Sebelumnya, dalam hak jawab Kepsek SMK-SMTI Bandar Lampung sehubungan pemberitaan pada situs www.mediamerdeka.co mengatakan jika adalah tidak benar, maka dengan itu pihak SMK-SMTI Bandar Lampung melayangkan hak jawab yang tertanggal 8 Mei 2018.
Menurut pihak SMK-SMTI Bandar Lampung melalui hak jawabnya yang ditandatangani oleh kepala SMK-SMTI
Dra. Sulastri M. TA, Biaya pendaftaran sebesar Rp30 ribu bukan pungutan liar (pungli) karena ada bukti penerimaan uang/kuitansi.
Dikatakannya, dasar hukum pihak panitia memungut biaya pendaftaran adalah peraturan pemerintah Republik Indonesia. No. 47 tahun 2011 yang ditetapkan oleh Presiden Ri Susilo Bambang Yudoyono.
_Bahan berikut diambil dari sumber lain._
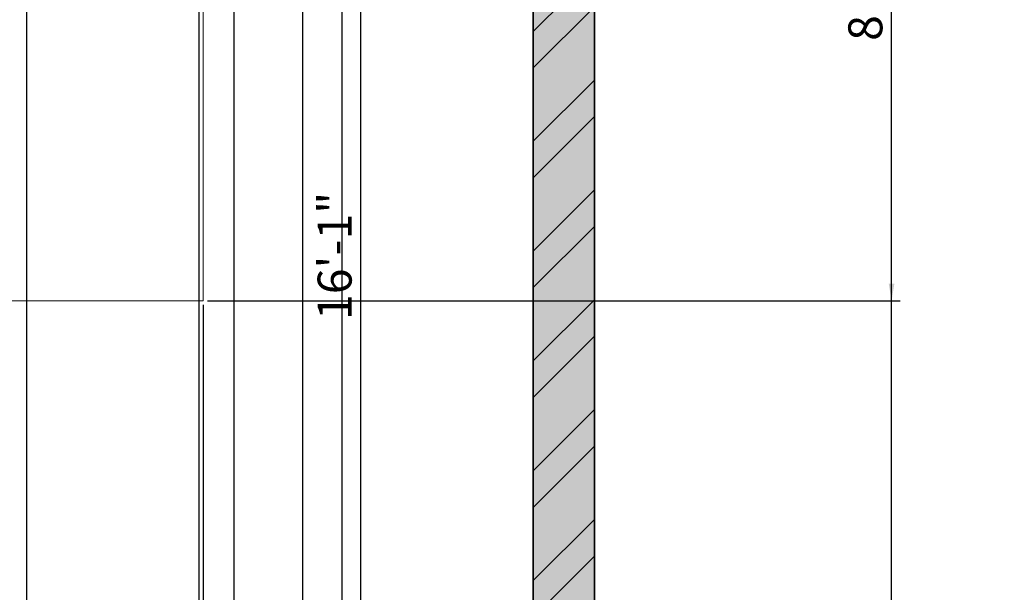
# Model space of a CAD drawing. Units: inches. Extents: x 1804 to 3296, y 909 to 2477.
# Tile 20 of 31: x 2241 to 2386, y 1638 to 1722. Entities that reach past the tile are written whole.
import ezdxf

# ---------------------------------------------------------------- set-up
doc = ezdxf.new("R2010")
doc.units = ezdxf.units.IN
for name, color, linetype, lineweight in [('A-ANNO-DIMS', 2, 'Continuous', 18), ('A-ANNO-TTLB', 156, 'Continuous', 35), ('A-WALL-PATT', 10, 'Continuous', 13), ('FUR', 100, 'Continuous', 18), ('WALL', 10, 'Continuous', 35)]:
    doc.layers.add(name, color=color, linetype=linetype, lineweight=lineweight)
doc.styles.get("Standard").update_dxf_attribs({"font": 'arial.ttf'})
doc.dimstyles.new('ISO-25', dxfattribs={"dimtxt": 5, "dimasz": 2.5, "dimexe": 1.25, "dimexo": 0.625, "dimtad": 1, "dimdec": 0, "dimlunit": 4, "dimtxsty": 'Standard', "dimcen": 2.5, "dimadec": 0, "dimazin": 0, "dimtfac": 1, "dimtdec": 0, "dimtmove": 0, "dimatfit": 3, "dimfxl": 1, "dimarcsym": 0})

# ---------------------------------------------------------------- blocks, each defined once
blk = doc.blocks.new('*D11')
at = {"layer": 'A-ANNO-DIMS', "color": 0, "lineweight": -2, "transparency": 16777216}
for p, q in [((2315.91, 1784.38), (2289.92, 1784.38)), ((2291.17, 1781.88), (2291.17, 1593.42)), ((2315.91, 1590.92), (2289.92, 1590.92))]:
    blk.add_line(p, q, dxfattribs=at)
at = {"layer": 'A-ANNO-DIMS', "color": 0, "lineweight": 100, "transparency": 16777216}
for points in [[(2290.75, 1781.88), (2291.58, 1781.88), (2291.17, 1784.38)], [(2290.75, 1593.42), (2291.58, 1593.42), (2291.17, 1590.92)]]:
    blk.add_solid(points, dxfattribs=at)
at = {"layer": 'Defpoints', "color": 0, "lineweight": 100, "transparency": 16777216}
for p in [(2316.54, 1784.38), (2291.17, 1590.92), (2316.54, 1590.92)]:
    blk.add_point(p, dxfattribs=at)
at = {"layer": 'A-ANNO-DIMS', "color": 0, "transparency": 16777216, "insert": (2287.99, 1687.65), "char_height": 5, "attachment_point": 5, "rotation": 90}
blk.add_mtext('16\'-1"', dxfattribs=at)
blk = doc.blocks.new('*D53')
at = {"layer": 'A-ANNO-DIMS', "color": 0, "lineweight": -2, "transparency": 16777216}
for p, q in [((2326.16, 1793.38), (2370.49, 1793.38)), ((2369.24, 1140.57), (2369.24, 1790.88)), ((2326.16, 1138.07), (2370.49, 1138.07))]:
    blk.add_line(p, q, dxfattribs=at)
at = {"layer": 'A-ANNO-DIMS', "color": 0, "lineweight": 100, "transparency": 16777216}
for points in [[(2368.82, 1790.88), (2369.65, 1790.88), (2369.24, 1793.38)], [(2368.82, 1140.57), (2369.65, 1140.57), (2369.24, 1138.07)]]:
    blk.add_solid(points, dxfattribs=at)
at = {"layer": 'Defpoints', "color": 0, "lineweight": 100, "transparency": 16777216}
for p in [(2325.54, 1793.38), (2369.24, 1793.38), (2325.54, 1138.07)]:
    blk.add_point(p, dxfattribs=at)
at = {"layer": 'A-ANNO-DIMS', "color": 0, "transparency": 16777216, "insert": (2366.03, 1465.72), "char_height": 5, "attachment_point": 5, "rotation": 90}
blk.add_mtext('54\'-7 1/2"', dxfattribs=at)
blk = doc.blocks.new('*D56')
at = {"layer": 'A-ANNO-DIMS', "color": 0, "lineweight": -2, "transparency": 16777216}
for p, q in [((2180.87, 1680.42), (2180.87, 975.89)), ((2268, 1680.42), (2268, 975.89)), ((2183.37, 977.14), (2265.5, 977.14))]:
    blk.add_line(p, q, dxfattribs=at)
at = {"layer": 'A-ANNO-DIMS', "color": 0, "lineweight": 100, "transparency": 16777216}
for points in [[(2183.37, 977.56), (2183.37, 976.72), (2180.87, 977.14)], [(2265.5, 977.56), (2265.5, 976.72), (2268, 977.14)]]:
    blk.add_solid(points, dxfattribs=at)
at = {"layer": 'Defpoints', "color": 0, "lineweight": 100, "transparency": 16777216}
for p in [(2180.87, 1681.04), (2268, 1681.04), (2268, 977.14)]:
    blk.add_point(p, dxfattribs=at)
at = {"layer": 'A-ANNO-DIMS', "color": 0, "transparency": 16777216, "insert": (2224.44, 980.32), "char_height": 5, "attachment_point": 5}
blk.add_mtext('7\'-3"', dxfattribs=at)
blk = doc.blocks.new('*D57')
at = {"layer": 'A-ANNO-DIMS', "color": 0, "lineweight": -2, "transparency": 16777216}
for p, q in [((2268.63, 1784.38), (2370.49, 1784.38)), ((2369.24, 1683.54), (2369.24, 1781.88)), ((2268.63, 1681.04), (2370.49, 1681.04))]:
    blk.add_line(p, q, dxfattribs=at)
at = {"layer": 'A-ANNO-DIMS', "color": 0, "lineweight": 100, "transparency": 16777216}
for points in [[(2368.82, 1781.88), (2369.65, 1781.88), (2369.24, 1784.38)], [(2368.82, 1683.54), (2369.65, 1683.54), (2369.24, 1681.04)]]:
    blk.add_solid(points, dxfattribs=at)
at = {"layer": 'Defpoints', "color": 0, "lineweight": 100, "transparency": 16777216}
for p in [(2268, 1784.38), (2369.24, 1784.38), (2268, 1681.04)]:
    blk.add_point(p, dxfattribs=at)
at = {"layer": 'A-ANNO-DIMS', "color": 0, "transparency": 16777216, "insert": (2366.03, 1732.71), "char_height": 5, "attachment_point": 5, "rotation": 90}
blk.add_mtext('8\'-7 1/2"', dxfattribs=at)
blk = doc.blocks.new('*D65')
at = {"layer": 'A-ANNO-DIMS', "color": 0, "lineweight": -2, "transparency": 16777216}
for p, q in [((2282.65, 1466.57), (2282.65, 1874.99)), ((2316.54, 1466.57), (2316.54, 1874.99)), ((2285.15, 1873.74), (2314.04, 1873.74))]:
    blk.add_line(p, q, dxfattribs=at)
at = {"layer": 'A-ANNO-DIMS', "color": 0, "lineweight": 100, "transparency": 16777216}
for points in [[(2285.15, 1874.15), (2285.15, 1873.32), (2282.65, 1873.74)], [(2314.04, 1874.15), (2314.04, 1873.32), (2316.54, 1873.74)]]:
    blk.add_solid(points, dxfattribs=at)
at = {"layer": 'Defpoints', "color": 0, "lineweight": 100, "transparency": 16777216}
for p in [(2316.54, 1873.74), (2282.65, 1465.94), (2316.54, 1465.94)]:
    blk.add_point(p, dxfattribs=at)
at = {"layer": 'A-ANNO-DIMS', "color": 0, "transparency": 16777216, "insert": (2299.6, 1876.91), "char_height": 5, "attachment_point": 5}
blk.add_mtext('2\'-10"', dxfattribs=at)
blk = doc.blocks.new('*D67')
at = {"layer": 'A-ANNO-DIMS', "color": 0, "lineweight": -2, "transparency": 16777216}
for p, q in [((2267.43, 1587.05), (2267.43, 1874.99)), ((2288.43, 1587.05), (2288.43, 1874.99)), ((2269.93, 1873.74), (2285.93, 1873.74))]:
    blk.add_line(p, q, dxfattribs=at)
at = {"layer": 'A-ANNO-DIMS', "color": 0, "lineweight": 100, "transparency": 16777216}
for points in [[(2269.93, 1874.15), (2269.93, 1873.32), (2267.43, 1873.74)], [(2285.93, 1874.15), (2285.93, 1873.32), (2288.43, 1873.74)]]:
    blk.add_solid(points, dxfattribs=at)
at = {"layer": 'Defpoints', "color": 0, "lineweight": 100, "transparency": 16777216}
for p in [(2288.43, 1873.74), (2267.43, 1586.42), (2288.43, 1586.42)]:
    blk.add_point(p, dxfattribs=at)
at = {"layer": 'A-ANNO-DIMS', "color": 0, "transparency": 16777216, "insert": (2277.93, 1876.91), "char_height": 5, "attachment_point": 5}
blk.add_mtext('1\'-9"', dxfattribs=at)
blk = doc.blocks.new('*D68')
at = {"layer": 'A-ANNO-DIMS', "color": 0, "lineweight": -2, "transparency": 16777216}
for p, q in [((2242.06, 1587.05), (2242.06, 1874.99)), ((2267.43, 1587.05), (2267.43, 1874.99)), ((2244.56, 1873.74), (2264.93, 1873.74)), ((2267.43, 1873.74), (2296.2, 1873.74))]:
    blk.add_line(p, q, dxfattribs=at)
at = {"layer": 'A-ANNO-DIMS', "color": 0, "lineweight": 100, "transparency": 16777216}
for points in [[(2244.56, 1874.15), (2244.56, 1873.32), (2242.06, 1873.74)], [(2264.93, 1874.15), (2264.93, 1873.32), (2267.43, 1873.74)]]:
    blk.add_solid(points, dxfattribs=at)
at = {"layer": 'Defpoints', "color": 0, "lineweight": 100, "transparency": 16777216}
for p in [(2267.43, 1873.74), (2242.06, 1586.42), (2267.43, 1586.42)]:
    blk.add_point(p, dxfattribs=at)
at = {"layer": 'A-ANNO-DIMS', "color": 0, "transparency": 16777216, "insert": (2283.07, 1876.95), "char_height": 5, "attachment_point": 5}
blk.add_mtext('2\'-1 1/2"', dxfattribs=at)
blk = doc.blocks.new('*D73')
at = {"layer": 'A-ANNO-DIMS', "color": 0, "lineweight": -2, "transparency": 16777216}
for p, q in [((2272.59, 1272.26), (2272.59, 1874.99)), ((2316.54, 1272.26), (2316.54, 1874.99)), ((2275.09, 1873.74), (2314.04, 1873.74))]:
    blk.add_line(p, q, dxfattribs=at)
at = {"layer": 'A-ANNO-DIMS', "color": 0, "lineweight": 100, "transparency": 16777216}
for points in [[(2275.09, 1874.15), (2275.09, 1873.32), (2272.59, 1873.74)], [(2314.04, 1874.15), (2314.04, 1873.32), (2316.54, 1873.74)]]:
    blk.add_solid(points, dxfattribs=at)
at = {"layer": 'Defpoints', "color": 0, "lineweight": 100, "transparency": 16777216}
for p in [(2316.54, 1873.74), (2272.59, 1271.63), (2316.54, 1271.63)]:
    blk.add_point(p, dxfattribs=at)
at = {"layer": 'A-ANNO-DIMS', "color": 0, "transparency": 16777216, "insert": (2294.56, 1876.92), "char_height": 5, "attachment_point": 5}
blk.add_mtext('3\'-8"', dxfattribs=at)

msp = doc.modelspace()

# ---------------------------------------------------------------- hatches: boundary and pattern name
at = {"layer": 'A-ANNO-TTLB'}
h = msp.add_hatch(color=256, dxfattribs=at)
h.dxf.hatch_style = 1
h.paths.add_polyline_path([(3294.53, 2476.54), (1803.79, 2476.54), (1805.43, 909.47), (3296.17, 909.47)])
h.paths.add_polyline_path([(1811, 914.33), (1812.79, 2467.54), (3285.53, 2467.54), (3283.74, 914.33)], flags=16)
h.paths.add_polyline_path([(1925.58, 1062.77), (1925.58, 1138.07), (1925.58, 1539.88), (1925.58, 1793.38), (1925.58, 1830.04), (2325.54, 1830.04), (2325.54, 1793.38), (2325.54, 1586.42), (2325.54, 1138.07), (2325.54, 1062.77)], flags=0)
h.paths.add_polyline_path([(1997.22, 1029.4), (2008.85, 1037.96), (2008.85, 1020.84)], flags=0)
h.paths.add_polyline_path([(1934.58, 1138.07), (1934.58, 1147.07), (2078.77, 1147.07), (2078.77, 1138.07), (2060.94, 1138.07)], flags=0)
h.paths.add_polyline_path([(1944.35, 1138.07), (1944.35, 1147.07), (2056.05, 1147.07), (2056.05, 1138.07)], flags=0)
h.paths.add_polyline_path([(2222.24, 1037.96), (2233.87, 1029.4), (2222.24, 1020.84)], flags=0)
h.paths.add_polyline_path([(2061.94, 1139.07), (2061.94, 1146.07), (2077.77, 1146.07), (2077.77, 1139.07)], flags=0)
h.paths.add_polyline_path([(2149.58, 1138.07), (2149.58, 1269.44), (2158.58, 1269.44), (2158.58, 1326.69), (2149.58, 1326.69), (2149.58, 1340.94), (2139.6, 1340.94), (2139.6, 1434.25), (2149.58, 1434.25), (2149.58, 1447.36), (2158.58, 1447.36), (2158.58, 1423.87), (2158.58, 1408.06), (2198.46, 1408.06), (2198.46, 1412.56), (2282.65, 1412.56), (2282.65, 1465.94), (2316.54, 1465.94), (2316.54, 1590.92), (2192.86, 1590.92), (2192.86, 1595.3), (2291.17, 1595.3), (2291.17, 1590.92), (2316.54, 1590.92), (2316.54, 1784.38), (2300.24, 1784.38), (2300.24, 1757.47), (2268, 1757.47), (2268, 1681.04), (2180.87, 1681.04), (2180.87, 1757.47), (2148.63, 1757.47), (2148.63, 1784.38), (2119.08, 1784.38), (2119.08, 1585.58), (2114.58, 1585.58), (2114.58, 1784.38), (2064.11, 1784.38), (2046.28, 1784.38), (2046.28, 1760.38), (1958.58, 1760.38), (1958.58, 1664.38), (1934.58, 1664.38), (1934.58, 1784.38), (1934.58, 1793.38), (2046.28, 1793.38), (2064.11, 1793.38), (2119.08, 1793.38), (2230.78, 1793.38), (2230.78, 1784.38), (2268, 1784.38), (2300.24, 1784.38), (2316.54, 1784.38), (2316.54, 1590.92), (2316.54, 1373.73), (2316.54, 1138.07)], flags=0)
h.paths.add_polyline_path([(2209.19, 1166.63), (2209.19, 1175.63), (2158.58, 1175.63), (2209.19, 1223.63), (2209.19, 1231.63), (2183.88, 1231.63), (2183.88, 1301.66), (2242.59, 1301.66), (2242.59, 1326.69), (2316.54, 1326.69), (2272.59, 1271.63), (2272.59, 1223.63), (2316.54, 1175.63), (2272.59, 1175.63), (2272.59, 1166.63)], flags=0)
h.paths.add_polyline_path([(1947.77, 1345.22), (1947.77, 1457.48), (1991.2, 1457.48), (1991.2, 1451.7), (1991.2, 1352.18), (1991.2, 1345.22)], flags=0)
h.paths.add_polyline_path([(2209.19, 1271.63), (2262.59, 1271.63), (2262.59, 1311.85), (2272.59, 1301.66), (2272.59, 1271.63), (2269.92, 1269.63), (2270.59, 1269.63), (2270.59, 1225.63), (2211.19, 1225.63), (2211.19, 1269.63), (2211.86, 1269.63)], flags=0)
h.paths.add_polyline_path([(2000.34, 1378.21), (2000.34, 1429.71), (2025.22, 1429.71), (2025.22, 1378.21)], flags=0)
h.paths.add_polyline_path([(2001.34, 1379.21), (2001.34, 1428.71), (2024.22, 1428.71), (2024.22, 1379.21)], flags=0)
h.paths.add_polyline_path([(2012.34, 1390.21), (2012.34, 1417.71), (2013.22, 1417.71), (2013.22, 1390.21)], flags=0)
h.paths.add_polyline_path([(2237.56, 1331.19), (2237.56, 1340.18), (2238.62, 1340.18), (2238.62, 1386.84), (2241.04, 1386.84), (2242.06, 1386.84), (2242.06, 1408.06), (2316.54, 1331.19)], flags=0)
h.paths.add_polyline_path([(1953.73, 1464.35), (1953.73, 1498.59), (1981.74, 1498.59), (1981.74, 1464.35)], flags=0)
h.paths.add_polyline_path([(1987.63, 1462.08), (1987.63, 1500.95), (2104.07, 1500.95), (2104.07, 1462.08), (2099.27, 1462.08), (1993.6, 1462.08)], flags=0)
h.paths.add_polyline_path([(1956.06, 1481.47, -1), (1979.41, 1481.47, -1)], flags=0)
edge = h.paths.add_edge_path(flags=0)
edge.add_ellipse((2299.53, 1438.37), major_axis=(0.31, 21.36), ratio=0.670333, start_angle=0, end_angle=360)
h.paths.add_polyline_path([(2297.39, 1438.37, -1), (2301.67, 1438.37, -1)], flags=0)
h.paths.add_polyline_path([(2591.54, 1163.23), (2591.54, 1179.38), (2591.54, 1379.68), (2591.54, 1395.84), (2734.5, 1395.84), (2734.5, 1379.68), (2734.5, 1179.38), (2734.5, 1163.23)], flags=0)
h.paths.add_polyline_path([(2592.54, 1164.23), (2592.54, 1166.23), (2733.5, 1166.23), (2733.5, 1164.23)], flags=0)
h.paths.add_polyline_path([(2592.54, 1180.38), (2592.54, 1378.68), (2733.5, 1378.68), (2733.5, 1180.38)], flags=0)
h.paths.add_polyline_path([(2593.54, 1181.38), (2593.54, 1377.68), (2732.5, 1377.68), (2732.5, 1181.38)], flags=0)
h.paths.add_polyline_path([(2594.54, 1182.38), (2594.54, 1376.68), (2731.5, 1376.68), (2731.5, 1182.38)], flags=0)
h.paths.add_polyline_path([(1936.95, 1697.46), (1936.95, 1736.46), (1955.41, 1736.46), (1955.41, 1697.46)], flags=0)
h.paths.add_polyline_path([(1938.48, 1718.36), (1938.48, 1734.92), (1953.65, 1734.92), (1953.65, 1718.36)], flags=0)
h.paths.add_polyline_path([(1944.75, 1726.64, -1), (1947.37, 1726.64, -1)], flags=0)
h.paths.add_polyline_path([(2592.54, 1394.84), (2733.5, 1394.84), (2733.5, 1392.84), (2592.54, 1392.84)], flags=0)
h.paths.add_polyline_path([(1976.61, 1762.5), (1976.61, 1781.44), (2012.79, 1781.44), (2012.79, 1762.5)], flags=0)
h.paths.add_polyline_path([(1979.57, 1771.97, -1), (1991.39, 1771.97, -1)], flags=0)
h.paths.add_polyline_path([(1995.36, 1771.97, -1), (2007.18, 1771.97, -1)], flags=0)
h.paths.add_polyline_path([(2251.51, 1744.53), (2268, 1730.05), (2251.51, 1730.05)], flags=0)
h.paths.add_polyline_path([(2047.28, 1785.38), (2047.28, 1792.38), (2063.11, 1792.38), (2063.11, 1785.38)], flags=0)
h.paths.add_polyline_path([(2155.08, 1770.92, -1), (2174.42, 1770.92, -1)], flags=0)
h.paths.add_polyline_path([(2188.59, 1758.27), (2188.59, 1772.81), (2222.3, 1772.81), (2222.3, 1758.27)], flags=0)
h.paths.add_polyline_path([(2223.97, 1758.27), (2223.97, 1772.81), (2257.68, 1772.81), (2257.68, 1758.27)], flags=0)
h.paths.add_polyline_path([(2274.45, 1770.92, -1), (2293.8, 1770.92, -1)], flags=0)
h.paths.add_polyline_path([(2591.54, 1582.09), (2591.54, 1782.39), (2734.5, 1782.39), (2734.5, 1582.09)], flags=0)
h.paths.add_polyline_path([(2592.54, 1583.09), (2592.54, 1781.39), (2733.5, 1781.39), (2733.5, 1583.09)], flags=0)
h.paths.add_polyline_path([(2593.54, 1584.09), (2593.54, 1780.39), (2732.5, 1780.39), (2732.5, 1584.09)], flags=0)
h.paths.add_polyline_path([(2594.54, 1585.09), (2594.54, 1779.39), (2731.5, 1779.39), (2731.5, 1585.09)], flags=0)
h.paths.add_polyline_path([(1922.17, 1978.79), (1922.17, 2295.08), (1922.17, 2296.08), (2115.67, 2296.08), (2115.67, 2384.31), (2115.67, 2385.31), (2322.12, 2385.31), (2323.12, 2385.31), (2323.12, 1979.79), (2323.12, 1978.79), (1923.17, 1978.79)], flags=0)
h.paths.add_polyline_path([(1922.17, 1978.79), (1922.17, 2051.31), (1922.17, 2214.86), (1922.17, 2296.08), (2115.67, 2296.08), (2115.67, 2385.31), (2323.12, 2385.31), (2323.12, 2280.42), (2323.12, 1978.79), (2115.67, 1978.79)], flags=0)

Pihak PPDB SMTI tidak menjual/mewajibkan siswa untuk membeli buku tes bakat skolastik yang berisi soal ujian seharga Rp10.000, dan map polio seharga Rp4 ribu kepada peserta mendaftar.
Kalaupun ada yang menjualnya hanya inisiatif dan kreativitas siswa-siswi untuk kas SMK-SMTI, dan tidak ada paksaan orang tua peserta yang mendaftar untuk membelinya.
“Semua orang bisa kalau cuma ngomong aturan tanpa membuktikan adanya setoran ke kas negara. Apalagi pungutan dilakukan jual nama Presiden SBY. ini maksudnya apa……???!!!,” Cetus Toni Bakri. (roni)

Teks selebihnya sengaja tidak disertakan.